Although they observed a general trade-off between Utility and Privacy, i.e. maximizing Utility translates to lower Privacy and vice versa, the usage of GANs models, especially with Differential Privacy (DP) can be a viable solution to generating synthetic data while protecting sensitive data.
VE COOK: Sustainability Optimized Recipes
Student
: Solomon G. Araya
VECOOK, a food start-up based in Zurich, produces vegan cooking kits and wants to develop a tool that uses Data Science methods for making recipes more sustainable.
The project involved the following steps:
● The relevant components of the original ingredients are identified
● A sustainability score is calculated based on an external data source
● Different Machine Learning methods like PCA, UMAP, and clustering are used to find different alternative variants of the original recipe aiming to improve the sustainability scores while preserving the main properties of the original recipe
During the project, Solomon was able to develop an algorithm that could reduce the overall carbon footprint of a recipe by around 30 percent by substituting ingredients for chemically similar alternatives. VE COOK is aiming to develop this into a general process for making food production more environmentally friendly.
POSTme! - A Tool for Social Media Messaging Optimization
Students:
Sibel Yasemin Özgan,
Amalia Temneanu,
Marcela Helena Perez Ulloa
Social media environments have become remarkable platforms for companies, as they lead the way to enthusiastically communicate with users from all over the world.
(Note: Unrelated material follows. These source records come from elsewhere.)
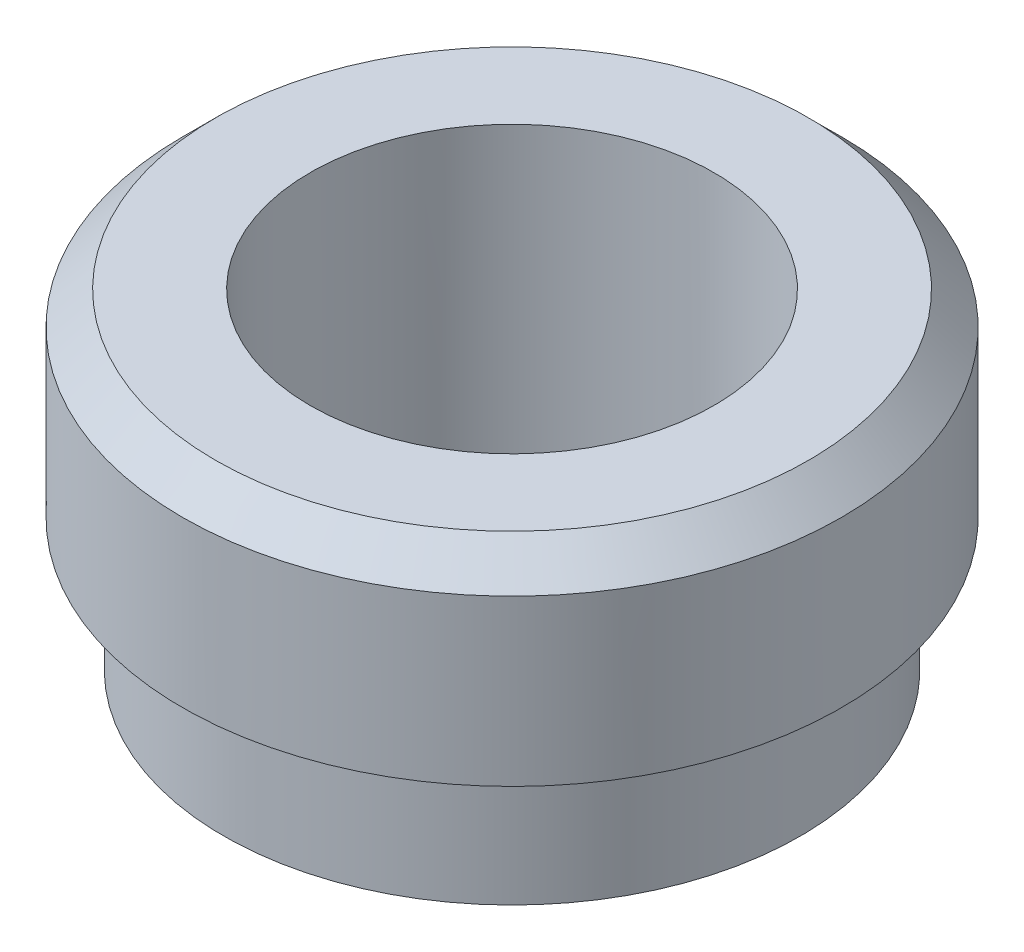
from build123d import *

# Parameters (mm, degrees)
G3_4_TAPPED_HOLE1_D     = 24.5
G3_4_TAPPED_HOLE1_DEPTH = 58.32
G3_4_TAPPED_HOLE1_TIP   = 7.360542583
CHAMFER1_SIZE           = 2


with BuildPart() as part:
    # Sketch1 → Revolve1 (revolve)
    with BuildSketch(Plane.XY, mode=Mode.PRIVATE) as revolve1_sk:
        Polygon((0, 0), (20, 0), (20, -12), (17.5, -12), (17.5, -20), (0, -20), align=None)
    revolve(revolve1_sk.sketch.rotate(Axis((0, -20, 0), (0, 1, 0)), 90), axis=Axis((0, -20, 0), (0, 1, 0)))

    # G3/4 Tapped Hole1
    with Locations(Plane(origin=(0, 0, 0), x_dir=(1, 0, 0), z_dir=(0, 1, 0))):
        with Locations((0, 0)):
            Hole(G3_4_TAPPED_HOLE1_D / 2, depth=G3_4_TAPPED_HOLE1_DEPTH)
            with Locations((0, 0, -(G3_4_TAPPED_HOLE1_DEPTH + G3_4_TAPPED_HOLE1_TIP / 2))):  # 118° drill point
                Cone(0, G3_4_TAPPED_HOLE1_D / 2, G3_4_TAPPED_HOLE1_TIP, mode=Mode.SUBTRACT)

    # Chamfer1
    chamfer1_edges = [part.edges().sort_by_distance(p)[0] for p in [
        (0, 0, 20),
    ]]
    chamfer(chamfer1_edges, length=CHAMFER1_SIZE)


solid = part.part

Hence, social media engagement has become a vital part of business success and a key part of marketing strategy. Having this in mind, a leading pharmaceutical company based in Switzerland approached SIT Academy with a specific task: to build a model which optimizes the engagement rate for Twitter and LinkedIn posts. The project team had to overcome two main challenges and these revolved around the question: How can a company improve its organic engagement rate?
POSTme! is the ultimate solution to their social media strategy. It enables the brand team to input a potential social media post in order to get an assessment of the estimated engagement rate and feedback on how it can be improved.
Sibel, Amalia, and Marcela applied syntactic parsing, entity extraction techniques, topic modelling, and sentiment analysis with pre-trained transformers and word embeddings. They tested different features and models in order to identify the best performing combinations. For explaining the results they evaluated the importance of the individual features and performed a SHAP and LIME analysis.
Figure 1: Demonstration of how the POSTme! platform is used for analysing a post.
Many thanks to our students and partners for the exciting project period!